The General Assembly of Virginia shortly thereafter concurred, writing,
That this Assembly doth explicitly and peremptorily declare, that it views the powers of the federal government, as resulting from the compact, to which the states are parties; as limited by the plain sense and intention of the instrument constituting the compact; as no further valid that they are authorized by the grants enumerated in that compact; and that in case of a deliberate, palpable, and dangerous exercise of other powers, not granted by the said compact, the states who are parties thereto, have the right, and are in duty bound, to interpose for arresting the progress of the evil, and for maintaining within their respective limits, the authorities, rights and liberties appertaining to them.
These principles have largely been suppressed since the Northern victory in the War between the States in 1865. The result has been catastrophic for the South – the erasure of her native culture and its replacement with the liberal ideology that continues to drag her down into ever lower depths of toxic cultural experiments: mass industrialism, mammon worship, gender confusion, redefining marriage, easy divorce, destruction of hierarchy, etc.
Thus it is that we at the South plead with the people of Poland: Do not yield your sovereignty to Brussels! Resist the EU apparatus with all that you have. The money enticements are strong, but do not let Brussels tempt you with them. Money is not infinite; only God is infinite. He can provide what you need through the Mother of God and all the Saints.
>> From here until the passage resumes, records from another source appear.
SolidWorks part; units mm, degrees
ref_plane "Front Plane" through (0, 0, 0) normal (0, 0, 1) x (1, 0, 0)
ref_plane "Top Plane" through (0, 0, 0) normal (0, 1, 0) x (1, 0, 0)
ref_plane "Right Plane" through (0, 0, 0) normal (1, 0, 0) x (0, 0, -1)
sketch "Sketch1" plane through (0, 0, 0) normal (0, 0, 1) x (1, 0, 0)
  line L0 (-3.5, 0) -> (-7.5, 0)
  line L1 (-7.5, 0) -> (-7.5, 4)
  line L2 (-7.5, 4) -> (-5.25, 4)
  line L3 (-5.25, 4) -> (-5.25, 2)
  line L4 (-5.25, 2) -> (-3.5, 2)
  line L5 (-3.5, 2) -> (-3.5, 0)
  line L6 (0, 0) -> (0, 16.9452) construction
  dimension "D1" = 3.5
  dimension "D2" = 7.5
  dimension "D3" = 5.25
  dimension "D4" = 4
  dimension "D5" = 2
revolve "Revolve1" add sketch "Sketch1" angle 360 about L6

If you give in, if you cede your sovereignty to the EU, you will become like us at the South – hollow, bereft of your ancient folkways, seeing them only in a museum or a YouTube video, while you march to a tune dictated to you by distant outsiders who despise you, leaving you little creative initiative of your own, crushed by page after page of innervating regulations.
Ten years before the resolution mentioned above, the State of Virginia wrote a ratification statement upon giving her assent to be part of the union created by the Philadelphia constitution. The relevant part is as follows:
We, the delegates of the people of Virginia, duly elected in pursuance of a recommendation from the General Assembly, and now met in Convention, having fully and freely investigated and discussed the proceedings of the Federal Convention, and being prepared as well as the most mature deliberation hath enabled us, to decide thereon, DO in the name and on behalf of the people of Virginia, declare and make known that the powers granted under the Constitution, being derived from the people of the United States may be resumed by them whensoever the same shall be perverted to their injury or oppression, and that every power not granted thereby remains with them and at their will. . . .
We here in Dixie do sincerely hope that the Polish people will heed those words of our Southern forefathers and be ready to resume their sovereignty from the European Union if it insists on actions that violate the EU Constitution. Deo vindice!